Modern presidential campaigns are essentially character tests, and for 20 years or longer the cultural and political divides of the 60s served as presumed signposts to a candidate’s character. Did he protest the war, trip to Hendrix, march in solidarity with women? Or enroll in R.O.T.C., rush a fraternity, join a church? As a young man, Mr. Obama did not have to make many of those choices, and he now has an opportunity to define himself on his own terms and not be instantly caricatured based on personal decisions he made four decades ago. (He has, of course, acknowledged some marijuana and cocaine use in his youth; that does not seem to have dimmed his prospects.)

“Where you were on these issues really told people who you were,” said Chris Lehane, a former Clinton White House official who is now a political consultant in California. “But 2008 will represent a hinge moment in generational politics, not just because of the prominence of a post-boomer candidate but because this will be the first cycle when a whole new range of issues as big, if not bigger, than the big issues that defined the boomers will be front and center: Iraq, the war on terror, global warming, energy, technology and globalization.”

While the Obama-Clinton generational dynamic will mostly play out in the primaries, Republican voters will be weighing the candidacy of one of the oldest men ever to seek the presidency, John McCain, 70, the only member of the likely field born before the baby boom’s unofficial start in 1943. (There is disagreement over what birth years define the baby boom; some say 1946 to 1964, but the sociologists Neil Howe and William Strauss consider the boomer bulge to have begun in 1943 and ended in 1960.)

John F. Kennedy noted in his Inaugural Address in 1961 that a torch had passed to a new generation of Americans, “born in this century, tempered by war, disciplined by a hard and bitter peace.” Kennedy’s cohort, known as the G.I. Generation and born between 1901 and 1924, occupied the White House continuously until Bill Clinton wrested it from George Herbert Walker Bush in 1992. Mr. Clinton turned it over to another boomer, George W. Bush.

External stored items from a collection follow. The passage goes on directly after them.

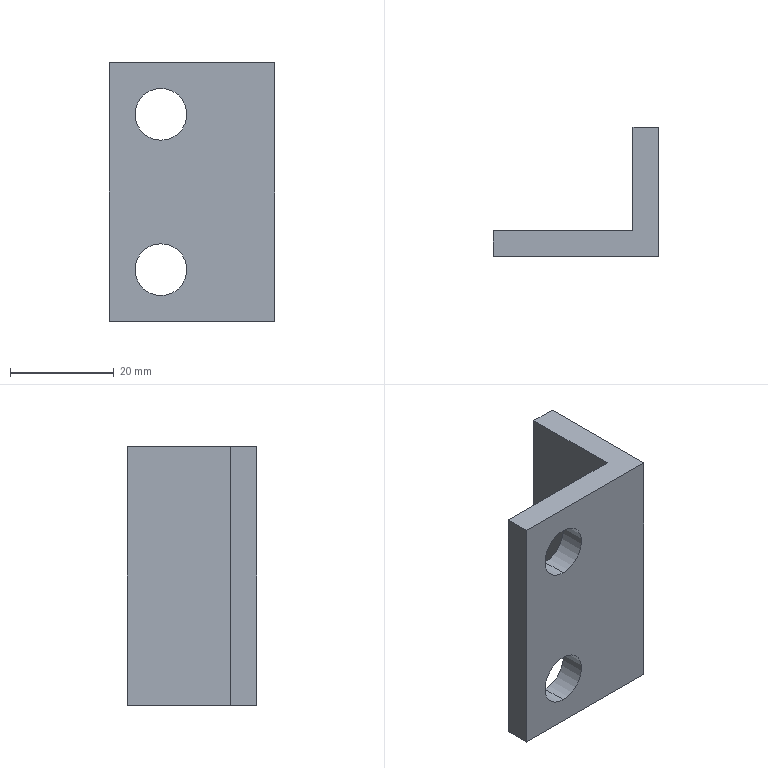Component | SolidWorks | 04-1 | 1 solid | 12 faces | box 32 x 25 x 50 mm | volume 12215 mm3 | plane 8 | cylinder 4 | commonest cylinder face diameters 10 x4
build123d program:
from build123d import *

# Parameters (mm, degrees)
BOSS_EXTRUDE1_DEPTH = 25
SKETCH2_R           = 5
CUT_EXTRUDE1_DEPTH  = 42.881


with BuildPart() as part:
    # Sketch1 → Boss-Extrude1 (new, symmetric)
    with BuildSketch(Plane.XY):
        Polygon((0, 0), (27, 0), (27, 5), (-5, 5), (-5, -20), (0, -20), align=None)
    extrude(amount=BOSS_EXTRUDE1_DEPTH, both=True)

    # Sketch2 → Cut-Extrude1 (cut, through all)
    with BuildSketch(Plane.XZ):
        with Locations(Location((17, 15, 0), (0, 0, 270))):
            Circle(SKETCH2_R)
        with Locations(Location((17, -15, 0), (0, 0, 270))):
            Circle(SKETCH2_R)
    extrude(amount=-CUT_EXTRUDE1_DEPTH, mode=Mode.SUBTRACT)


solid = part.part

# Placed as in the assembly
solid = solid.moved(Location((-25, 141.3, 101), (0, 0, 180)))
STEP:
#1=CARTESIAN_POINT('',(-1.654,5.366,3.583));
#2=VERTEX_POINT('',#1);
#3=CARTESIAN_POINT('',(-1.654,5.366,3.189));
#4=VERTEX_POINT('',#3);
#5=CARTESIAN_POINT('',(-1.654,5.366,3.386));
#6=DIRECTION('',(0.,1.,-0.));
#7=DIRECTION('',(0.,0.,-1.));
#8=AXIS2_PLACEMENT_3D('',#5,#6,#7);
#9=CIRCLE('',#8,0.1969);
#10=EDGE_CURVE('',#2,#4,#9,.T.);
#11=ORIENTED_EDGE('',*,*,#10,.F.);
#12=CARTESIAN_POINT('',(-1.654,5.563,3.583));
#13=VERTEX_POINT('',#12);
#14=CARTESIAN_POINT('',(-1.654,5.366,3.583));
#15=DIRECTION('',(0.,1.,-0.));
#16=VECTOR('',#15,39.37);
#17=LINE('',#14,#16);
#18=EDGE_CURVE('',#2,#13,#17,.T.);
#19=ORIENTED_EDGE('',*,*,#18,.T.);
#20=CARTESIAN_POINT('',(-1.654,5.563,3.189));
#21=VERTEX_POINT('',#20);
#22=CARTESIAN_POINT('',(-1.654,5.563,3.386));
#23=DIRECTION('',(0.,1.,-0.));
#24=DIRECTION('',(0.,0.,-1.));
#25=AXIS2_PLACEMENT_3D('',#22,#23,#24);
#26=CIRCLE('',#25,0.1969);
#27=EDGE_CURVE('',#13,#21,#26,.T.);
#28=ORIENTED_EDGE('',*,*,#27,.T.);
#29=CARTESIAN_POINT('',(-1.654,5.366,3.189));
#30=DIRECTION('',(0.,1.,-0.));
#31=VECTOR('',#30,39.37);
#32=LINE('',#29,#31);
#33=EDGE_CURVE('',#4,#21,#32,.T.);
#34=ORIENTED_EDGE('',*,*,#33,.F.);
#35=EDGE_LOOP('',(#11,#19,#28,#34));
#36=FACE_OUTER_BOUND('',#35,.T.);
#37=CARTESIAN_POINT('',(-1.654,5.366,3.386));
#38=DIRECTION('',(0.,1.,-0.));
#39=DIRECTION('',(0.,0.,-1.));
#40=AXIS2_PLACEMENT_3D('',#37,#38,#39);
#41=CYLINDRICAL_SURFACE('',#40,0.1969);
#42=ADVANCED_FACE('',(#36),#41,.F.);
#43=CARTESIAN_POINT('',(-1.654,5.366,4.764));
#44=VERTEX_POINT('',#43);
#45=CARTESIAN_POINT('',(-1.654,5.366,4.37));
#46=VERTEX_POINT('',#45);
#47=CARTESIAN_POINT('',(-1.654,5.366,4.567));
#48=DIRECTION('',(0.,1.,-0.));
#49=DIRECTION('',(0.,0.,-1.));
#50=AXIS2_PLACEMENT_3D('',#47,#48,#49);
#51=CIRCLE('',#50,0.1969);
#52=EDGE_CURVE('',#44,#46,#51,.T.);
#53=ORIENTED_EDGE('',*,*,#52,.F.);
#54=CARTESIAN_POINT('',(-1.654,5.563,4.764));
#55=VERTEX_POINT('',#54);
#56=CARTESIAN_POINT('',(-1.654,5.366,4.764));
#57=DIRECTION('',(0.,1.,-0.));
#58=VECTOR('',#57,39.37);
#59=LINE('',#56,#58);
#60=EDGE_CURVE('',#44,#55,#59,.T.);
#61=ORIENTED_EDGE('',*,*,#60,.T.);
#62=CARTESIAN_POINT('',(-1.654,5.563,4.37));
#63=VERTEX_POINT('',#62);
#64=CARTESIAN_POINT('',(-1.654,5.563,4.567));
#65=DIRECTION('',(0.,1.,-0.));
#66=DIRECTION('',(0.,0.,-1.));
#67=AXIS2_PLACEMENT_3D('',#64,#65,#66);
#68=CIRCLE('',#67,0.1969);
#69=EDGE_CURVE('',#55,#63,#68,.T.);
#70=ORIENTED_EDGE('',*,*,#69,.T.);
#71=CARTESIAN_POINT('',(-1.654,5.366,4.37));
#72=DIRECTION('',(0.,1.,-0.));
#73=VECTOR('',#72,39.37);
#74=LINE('',#71,#73);
#75=EDGE_CURVE('',#46,#63,#74,.T.);
#76=ORIENTED_EDGE('',*,*,#75,.F.);
#77=EDGE_LOOP('',(#53,#61,#70,#76));
#78=FACE_OUTER_BOUND('',#77,.T.);
#79=CARTESIAN_POINT('',(-1.654,5.366,4.567));
#80=DIRECTION('',(0.,1.,-0.));
#81=DIRECTION('',(0.,0.,-1.));
#82=AXIS2_PLACEMENT_3D('',#79,#80,#81);
#83=CYLINDRICAL_SURFACE('',#82,0.1969);
#84=ADVANCED_FACE('',(#78),#83,.F.);
#85=CARTESIAN_POINT('',(-0.9843,6.35,2.992));
#86=VERTEX_POINT('',#85);
#87=CARTESIAN_POINT('',(-0.9843,5.563,2.992));
#88=VERTEX_POINT('',#87);
#89=CARTESIAN_POINT('',(-0.9843,5.563,2.992));
#90=DIRECTION('',(0.,-1.,0.));
#91=VECTOR('',#90,39.37);
#92=LINE('',#89,#91);
#93=EDGE_CURVE('',#86,#88,#92,.T.);
#94=ORIENTED_EDGE('',*,*,#93,.T.);
#95=CARTESIAN_POINT('',(-0.9843,5.563,4.961));
#96=VERTEX_POINT('',#95);
#97=CARTESIAN_POINT('',(-0.9843,5.563,4.961));
#98=DIRECTION('',(0.,-0.,-1.));
#99=VECTOR('',#98,39.37);
#100=LINE('',#97,#99);
#101=EDGE_CURVE('',#96,#88,#100,.T.);
#102=ORIENTED_EDGE('',*,*,#101,.F.);
#103=CARTESIAN_POINT('',(-0.9843,6.35,4.961));
#104=VERTEX_POINT('',#103);
#105=CARTESIAN_POINT('',(-0.9843,5.563,4.961));
#106=DIRECTION('',(0.,-1.,0.));
#107=VECTOR('',#106,39.37);
#108=LINE('',#105,#107);
#109=EDGE_CURVE('',#104,#96,#108,.T.);
#110=ORIENTED_EDGE('',*,*,#109,.F.);
#111=CARTESIAN_POINT('',(-0.9843,6.35,4.961));
#112=DIRECTION('',(0.,-0.,-1.));
#113=VECTOR('',#112,39.37);
#114=LINE('',#111,#113);
#115=EDGE_CURVE('',#104,#86,#114,.T.);
#116=ORIENTED_EDGE('',*,*,#115,.T.);
#117=EDGE_LOOP('',(#94,#102,#110,#116));
#118=FACE_OUTER_BOUND('',#117,.T.);
#119=CARTESIAN_POINT('',(-0.9843,5.563,4.961));
#120=DIRECTION('',(1.,0.,0.));
#121=DIRECTION('',(-0.,1.,-0.));
#122=AXIS2_PLACEMENT_3D('',#119,#120,#121);
#123=PLANE('',#122);
#124=ADVANCED_FACE('',(#118),#123,.F.);
#125=CARTESIAN_POINT('',(-1.654,5.563,3.386));
#126=DIRECTION('',(0.,1.,-0.));
#127=DIRECTION('',(0.,0.,-1.));
#128=AXIS2_PLACEMENT_3D('',#125,#126,#127);
#129=CIRCLE('',#128,0.1969);
#130=EDGE_CURVE('',#21,#13,#129,.T.);
#131=ORIENTED_EDGE('',*,*,#130,.F.);
#132=ORIENTED_EDGE('',*,*,#27,.F.);
#133=EDGE_LOOP('',(#131,#132));
#134=FACE_BOUND('',#133,.T.);
#135=CARTESIAN_POINT('',(-1.654,5.563,4.567));
#136=DIRECTION('',(0.,1.,-0.));
#137=DIRECTION('',(0.,0.,-1.));
#138=AXIS2_PLACEMENT_3D('',#135,#136,#137);
#139=CIRCLE('',#138,0.1969);
#140=EDGE_CURVE('',#63,#55,#139,.T.);
#141=ORIENTED_EDGE('',*,*,#140,.F.);
#142=ORIENTED_EDGE('',*,*,#69,.F.);
#143=EDGE_LOOP('',(#141,#142));
#144=FACE_BOUND('',#143,.T.);
#145=CARTESIAN_POINT('',(-2.047,5.563,2.992));
#146=VERTEX_POINT('',#145);
#147=CARTESIAN_POINT('',(-0.9843,5.563,2.992));
#148=DIRECTION('',(-1.,0.,-0.));
#149=VECTOR('',#148,39.37);
#150=LINE('',#147,#149);
#151=EDGE_CURVE('',#88,#146,#150,.T.);
#152=ORIENTED_EDGE('',*,*,#151,.T.);
#153=CARTESIAN_POINT('',(-2.047,5.563,4.961));
#154=VERTEX_POINT('',#153);
#155=CARTESIAN_POINT('',(-2.047,5.563,4.961));
#156=DIRECTION('',(0.,-0.,-1.));
#157=VECTOR('',#156,39.37);
#158=LINE('',#155,#157);
#159=EDGE_CURVE('',#154,#146,#158,.T.);
#160=ORIENTED_EDGE('',*,*,#159,.F.);
#161=CARTESIAN_POINT('',(-0.9843,5.563,4.961));
#162=DIRECTION('',(-1.,0.,-0.));
#163=VECTOR('',#162,39.37);
#164=LINE('',#161,#163);
#165=EDGE_CURVE('',#96,#154,#164,.T.);
#166=ORIENTED_EDGE('',*,*,#165,.F.);
#167=ORIENTED_EDGE('',*,*,#101,.T.);
#168=EDGE_LOOP('',(#152,#160,#166,#167));
#169=FACE_OUTER_BOUND('',#168,.T.);
#170=CARTESIAN_POINT('',(-0.9843,5.563,4.961));
#171=DIRECTION('',(-0.,-1.,0.));
#172=DIRECTION('',(-0.,0.,1.));
#173=AXIS2_PLACEMENT_3D('',#170,#171,#172);
#174=PLANE('',#173);
#175=ADVANCED_FACE('',(#134,#144,#169),#174,.F.);
#176=CARTESIAN_POINT('',(-2.047,5.366,2.992));
#177=VERTEX_POINT('',#176);
#178=CARTESIAN_POINT('',(-2.047,5.563,2.992));
#179=DIRECTION('',(-0.,-1.,0.));
#180=VECTOR('',#179,39.37);
#181=LINE('',#178,#180);
#182=EDGE_CURVE('',#146,#177,#181,.T.);
#183=ORIENTED_EDGE('',*,*,#182,.T.);
#184=CARTESIAN_POINT('',(-2.047,5.366,4.961));
#185=VERTEX_POINT('',#184);
#186=CARTESIAN_POINT('',(-2.047,5.366,4.961));
#187=DIRECTION('',(0.,-0.,-1.));
#188=VECTOR('',#187,39.37);
#189=LINE('',#186,#188);
#190=EDGE_CURVE('',#185,#177,#189,.T.);
#191=ORIENTED_EDGE('',*,*,#190,.F.);
#192=CARTESIAN_POINT('',(-2.047,5.563,4.961));
#193=DIRECTION('',(-0.,-1.,0.));
#194=VECTOR('',#193,39.37);
#195=LINE('',#192,#194);
#196=EDGE_CURVE('',#154,#185,#195,.T.);
#197=ORIENTED_EDGE('',*,*,#196,.F.);
#198=ORIENTED_EDGE('',*,*,#159,.T.);
#199=EDGE_LOOP('',(#183,#191,#197,#198));
#200=FACE_OUTER_BOUND('',#199,.T.);
#201=CARTESIAN_POINT('',(-2.047,5.563,4.961));
#202=DIRECTION('',(1.,-0.,0.));
#203=DIRECTION('',(-0.,0.,1.));
#204=AXIS2_PLACEMENT_3D('',#201,#202,#203);
#205=PLANE('',#204);
#206=ADVANCED_FACE('',(#200),#205,.F.);
#207=CARTESIAN_POINT('',(-1.654,5.366,3.386));
#208=DIRECTION('',(0.,1.,-0.));
#209=DIRECTION('',(0.,0.,-1.));
#210=AXIS2_PLACEMENT_3D('',#207,#208,#209);
#211=CIRCLE('',#210,0.1969);
#212=EDGE_CURVE('',#4,#2,#211,.T.);
#213=ORIENTED_EDGE('',*,*,#212,.T.);
#214=ORIENTED_EDGE('',*,*,#10,.T.);
#215=EDGE_LOOP('',(#213,#214));
#216=FACE_BOUND('',#215,.T.);
#217=CARTESIAN_POINT('',(-1.654,5.366,4.567));
#218=DIRECTION('',(0.,1.,-0.));
#219=DIRECTION('',(0.,0.,-1.));
#220=AXIS2_PLACEMENT_3D('',#217,#218,#219);
#221=CIRCLE('',#220,0.1969);
#222=EDGE_CURVE('',#46,#44,#221,.T.);
#223=ORIENTED_EDGE('',*,*,#222,.T.);
#224=ORIENTED_EDGE('',*,*,#52,.T.);
#225=EDGE_LOOP('',(#223,#224));
#226=FACE_BOUND('',#225,.T.);
#227=CARTESIAN_POINT('',(-0.7874,5.366,2.992));
#228=VERTEX_POINT('',#227);
#229=CARTESIAN_POINT('',(-0.7874,5.366,2.992));
#230=DIRECTION('',(1.,-0.,0.));
#231=VECTOR('',#230,39.37);
#232=LINE('',#229,#231);
#233=EDGE_CURVE('',#177,#228,#232,.T.);
#234=ORIENTED_EDGE('',*,*,#233,.T.);
#235=CARTESIAN_POINT('',(-0.7874,5.366,4.961));
#236=VERTEX_POINT('',#235);
#237=CARTESIAN_POINT('',(-0.7874,5.366,4.961));
#238=DIRECTION('',(0.,-0.,-1.));
#239=VECTOR('',#238,39.37);
#240=LINE('',#237,#239);
#241=EDGE_CURVE('',#236,#228,#240,.T.);
#242=ORIENTED_EDGE('',*,*,#241,.F.);
#243=CARTESIAN_POINT('',(-0.7874,5.366,4.961));
#244=DIRECTION('',(1.,-0.,0.));
#245=VECTOR('',#244,39.37);
#246=LINE('',#243,#245);
#247=EDGE_CURVE('',#185,#236,#246,.T.);
#248=ORIENTED_EDGE('',*,*,#247,.F.);
#249=ORIENTED_EDGE('',*,*,#190,.T.);
#250=EDGE_LOOP('',(#234,#242,#248,#249));
#251=FACE_OUTER_BOUND('',#250,.T.);
#252=CARTESIAN_POINT('',(-0.7874,5.366,4.961));
#253=DIRECTION('',(0.,1.,-0.));
#254=DIRECTION('',(0.,-0.,-1.));
#255=AXIS2_PLACEMENT_3D('',#252,#253,#254);
#256=PLANE('',#255);
#257=ADVANCED_FACE('',(#216,#226,#251),#256,.F.);
#258=CARTESIAN_POINT('',(-0.7874,6.35,2.992));
#259=VERTEX_POINT('',#258);
#260=CARTESIAN_POINT('',(-0.7874,5.366,2.992));
#261=DIRECTION('',(-0.,1.,-0.));
#262=VECTOR('',#261,39.37);
#263=LINE('',#260,#262);
#264=EDGE_CURVE('',#228,#259,#263,.T.);
#265=ORIENTED_EDGE('',*,*,#264,.T.);
#266=CARTESIAN_POINT('',(-0.7874,6.35,4.961));
#267=VERTEX_POINT('',#266);
#268=CARTESIAN_POINT('',(-0.7874,6.35,4.961));
#269=DIRECTION('',(0.,-0.,-1.));
#270=VECTOR('',#269,39.37);
#271=LINE('',#268,#270);
#272=EDGE_CURVE('',#267,#259,#271,.T.);
#273=ORIENTED_EDGE('',*,*,#272,.F.);
#274=CARTESIAN_POINT('',(-0.7874,5.366,4.961));
#275=DIRECTION('',(-0.,1.,-0.));
#276=VECTOR('',#275,39.37);
#277=LINE('',#274,#276);
#278=EDGE_CURVE('',#236,#267,#277,.T.);
#279=ORIENTED_EDGE('',*,*,#278,.F.);
#280=ORIENTED_EDGE('',*,*,#241,.T.);
#281=EDGE_LOOP('',(#265,#273,#279,#280));
#282=FACE_OUTER_BOUND('',#281,.T.);
#283=CARTESIAN_POINT('',(-0.7874,5.366,4.961));
#284=DIRECTION('',(-1.,-0.,-0.));
#285=DIRECTION('',(0.,-1.,0.));
#286=AXIS2_PLACEMENT_3D('',#283,#284,#285);
#287=PLANE('',#286);
#288=ADVANCED_FACE('',(#282),#287,.F.);
#289=CARTESIAN_POINT('',(-0.7874,6.35,2.992));
#290=DIRECTION('',(-1.,0.,-0.));
#291=VECTOR('',#290,39.37);
#292=LINE('',#289,#291);
#293=EDGE_CURVE('',#259,#86,#292,.T.);
#294=ORIENTED_EDGE('',*,*,#293,.T.);
#295=ORIENTED_EDGE('',*,*,#115,.F.);
#296=CARTESIAN_POINT('',(-0.7874,6.35,4.961));
#297=DIRECTION('',(-1.,0.,-0.));
#298=VECTOR('',#297,39.37);
#299=LINE('',#296,#298);
#300=EDGE_CURVE('',#267,#104,#299,.T.);
#301=ORIENTED_EDGE('',*,*,#300,.F.);
#302=ORIENTED_EDGE('',*,*,#272,.T.);
#303=EDGE_LOOP('',(#294,#295,#301,#302));
#304=FACE_OUTER_BOUND('',#303,.T.);
#305=CARTESIAN_POINT('',(-0.7874,6.35,4.961));
#306=DIRECTION('',(-0.,-1.,0.));
#307=DIRECTION('',(-0.,0.,1.));
#308=AXIS2_PLACEMENT_3D('',#305,#306,#307);
#309=PLANE('',#308);
#310=ADVANCED_FACE('',(#304),#309,.F.);
#311=ORIENTED_EDGE('',*,*,#109,.T.);
#312=ORIENTED_EDGE('',*,*,#165,.T.);
#313=ORIENTED_EDGE('',*,*,#196,.T.);
#314=ORIENTED_EDGE('',*,*,#247,.T.);
#315=ORIENTED_EDGE('',*,*,#278,.T.);
#316=ORIENTED_EDGE('',*,*,#300,.T.);
#317=EDGE_LOOP('',(#311,#312,#313,#314,#315,#316));
#318=FACE_OUTER_BOUND('',#317,.T.);
#319=CARTESIAN_POINT('',(-0.9843,5.563,4.961));
#320=DIRECTION('',(-0.,0.,1.));
#321=DIRECTION('',(-1.,0.,-0.));
#322=AXIS2_PLACEMENT_3D('',#319,#320,#321);
#323=PLANE('',#322);
#324=ADVANCED_FACE('',(#318),#323,.T.);
#325=ORIENTED_EDGE('',*,*,#93,.F.);
#326=ORIENTED_EDGE('',*,*,#293,.F.);
#327=ORIENTED_EDGE('',*,*,#264,.F.);
#328=ORIENTED_EDGE('',*,*,#233,.F.);
#329=ORIENTED_EDGE('',*,*,#182,.F.);
#330=ORIENTED_EDGE('',*,*,#151,.F.);
#331=EDGE_LOOP('',(#325,#326,#327,#328,#329,#330));
#332=FACE_OUTER_BOUND('',#331,.T.);
#333=CARTESIAN_POINT('',(-0.9843,5.563,2.992));
#334=DIRECTION('',(-0.,0.,1.));
#335=DIRECTION('',(-1.,0.,-0.));
#336=AXIS2_PLACEMENT_3D('',#333,#334,#335);
#337=PLANE('',#336);
#338=ADVANCED_FACE('',(#332),#337,.F.);
#339=ORIENTED_EDGE('',*,*,#60,.F.);
#340=ORIENTED_EDGE('',*,*,#222,.F.);
#341=ORIENTED_EDGE('',*,*,#75,.T.);
#342=ORIENTED_EDGE('',*,*,#140,.T.);
#343=EDGE_LOOP('',(#339,#340,#341,#342));
#344=FACE_OUTER_BOUND('',#343,.T.);
#345=CARTESIAN_POINT('',(-1.654,5.366,4.567));
#346=DIRECTION('',(0.,1.,-0.));
#347=DIRECTION('',(0.,0.,-1.));
#348=AXIS2_PLACEMENT_3D('',#345,#346,#347);
#349=CYLINDRICAL_SURFACE('',#348,0.1969);
#350=ADVANCED_FACE('',(#344),#349,.F.);
#351=ORIENTED_EDGE('',*,*,#18,.F.);
#352=ORIENTED_EDGE('',*,*,#212,.F.);
#353=ORIENTED_EDGE('',*,*,#33,.T.);
#354=ORIENTED_EDGE('',*,*,#130,.T.);
#355=EDGE_LOOP('',(#351,#352,#353,#354));
#356=FACE_OUTER_BOUND('',#355,.T.);
#357=CARTESIAN_POINT('',(-1.654,5.366,3.386));
#358=DIRECTION('',(0.,1.,-0.));
#359=DIRECTION('',(0.,0.,-1.));
#360=AXIS2_PLACEMENT_3D('',#357,#358,#359);
#361=CYLINDRICAL_SURFACE('',#360,0.1969);
#362=ADVANCED_FACE('',(#356),#361,.F.);
#363=CLOSED_SHELL('',(#42,#84,#124,#175,#206,#257,#288,#310,#324,#338,#350,#362));
#364=MANIFOLD_SOLID_BREP('',#363);
#365=CARTESIAN_POINT('',(0.,0.,0.));
#366=DIRECTION('',(0.,0.,1.));
#367=DIRECTION('',(1.,0.,0.));
#368=AXIS2_PLACEMENT_3D('',#365,#366,#367);
#369=(LENGTH_UNIT()NAMED_UNIT(*)SI_UNIT($,.METRE.));
#370=LENGTH_MEASURE_WITH_UNIT(LENGTH_MEASURE(0.0254),#369);
#371=DIMENSIONAL_EXPONENTS(1.,0.,0.,0.,0.,0.,0.);
#372=(CONVERSION_BASED_UNIT('',#370)LENGTH_UNIT()NAMED_UNIT(#371));
#373=UNCERTAINTY_MEASURE_WITH_UNIT(LENGTH_MEASURE(0.00001),#372,'','');
#374=(NAMED_UNIT(*)PLANE_ANGLE_UNIT()SI_UNIT($,.RADIAN.));
#375=(NAMED_UNIT(*)SI_UNIT($,.STERADIAN.)SOLID_ANGLE_UNIT());
#376=(GEOMETRIC_REPRESENTATION_CONTEXT(3)GLOBAL_UNCERTAINTY_ASSIGNED_CONTEXT((#373))GLOBAL_UNIT_ASSIGNED_CONTEXT((#372,#374,#375))REPRESENTATION_CONTEXT('',''));
#377=ADVANCED_BREP_SHAPE_REPRESENTATION('',(#364,#368),#376);
#378=COLOUR_RGB('',0.7922,0.8196,0.9333);
#379=FILL_AREA_STYLE_COLOUR('',#378);
#380=FILL_AREA_STYLE('',(#379));
#381=SURFACE_STYLE_FILL_AREA(#380);
#382=SURFACE_SIDE_STYLE('',(#381));
#383=SURFACE_STYLE_USAGE(.BOTH.,#382);
#384=PRESENTATION_STYLE_ASSIGNMENT((#383));
#385=STYLED_ITEM('',(#384),#364);
#386=PRESENTATION_LAYER_ASSIGNMENT('','',(#385));
#387=(LENGTH_UNIT()NAMED_UNIT(*)SI_UNIT($,.METRE.));
#388=LENGTH_MEASURE_WITH_UNIT(LENGTH_MEASURE(0.0254),#387);
#389=DIMENSIONAL_EXPONENTS(1.,0.,0.,0.,0.,0.,0.);
#390=(CONVERSION_BASED_UNIT('',#388)LENGTH_UNIT()NAMED_UNIT(#389));
#391=UNCERTAINTY_MEASURE_WITH_UNIT(LENGTH_MEASURE(0.00001),#390,'','');
#392=(NAMED_UNIT(*)PLANE_ANGLE_UNIT()SI_UNIT($,.RADIAN.));
#393=(NAMED_UNIT(*)SI_UNIT($,.STERADIAN.)SOLID_ANGLE_UNIT());
#394=(GEOMETRIC_REPRESENTATION_CONTEXT(3)GLOBAL_UNCERTAINTY_ASSIGNED_CONTEXT((#391))GLOBAL_UNIT_ASSIGNED_CONTEXT((#390,#392,#393))REPRESENTATION_CONTEXT('',''));
#395=MECHANICAL_DESIGN_GEOMETRIC_PRESENTATION_REPRESENTATION('',(#385),#394);

But some say that after 14 years of personal and political self-indulgence in Washington and a grinding war, it’s time to say goodbye to the solipsistic generation.

“Thank you, here’s your gold watch, it’s time for the personal style and political framework of the 1960’s to get out of the way,” said Eric Liu, 38, a speechwriter and policy aide in the Clinton White House who now runs a mentoring program in Seattle.

And yet Mr. Obama has not demonstrated his leadership beyond eight years in the Illinois Senate and two in Washington. His early opposition to the Iraq war has pleased many Democratic voters, but it is not wholly clear how he would manage an end to the war and deal with global terrorism and other foreign policy challenges.

The historian and Kennedy aide Arthur M. Schlesinger Jr. said Mr. Obama had to offer more than a repudiation of the previous generation’s actions. “It depends on what the policies are,” Mr. Schlesinger said. “The New Frontier was the development of the insights of the New Deal.”

Todd Harris, 35, a Republican political consultant, said he worked in 1999 for the short-lived presidential campaign of Representative John Kasich of Ohio, who was born in 1952. “He was young and new and fresh and we listened to the same music,” Mr. Harris said. “But I’m not sure that works when your country is at war. I think that most people I know in my generation will place a far greater premium on someone’s leadership skills and their ability to guide the nation through turbulent times than they do on what generation that politician came from or what that person recently downloaded from iTunes.”

Mr. Obama would be foolish to run solely as the anti-boomer, Mr. Lehane said, if for no other reason than that the baby boomers are the largest generation in American history, and they vote.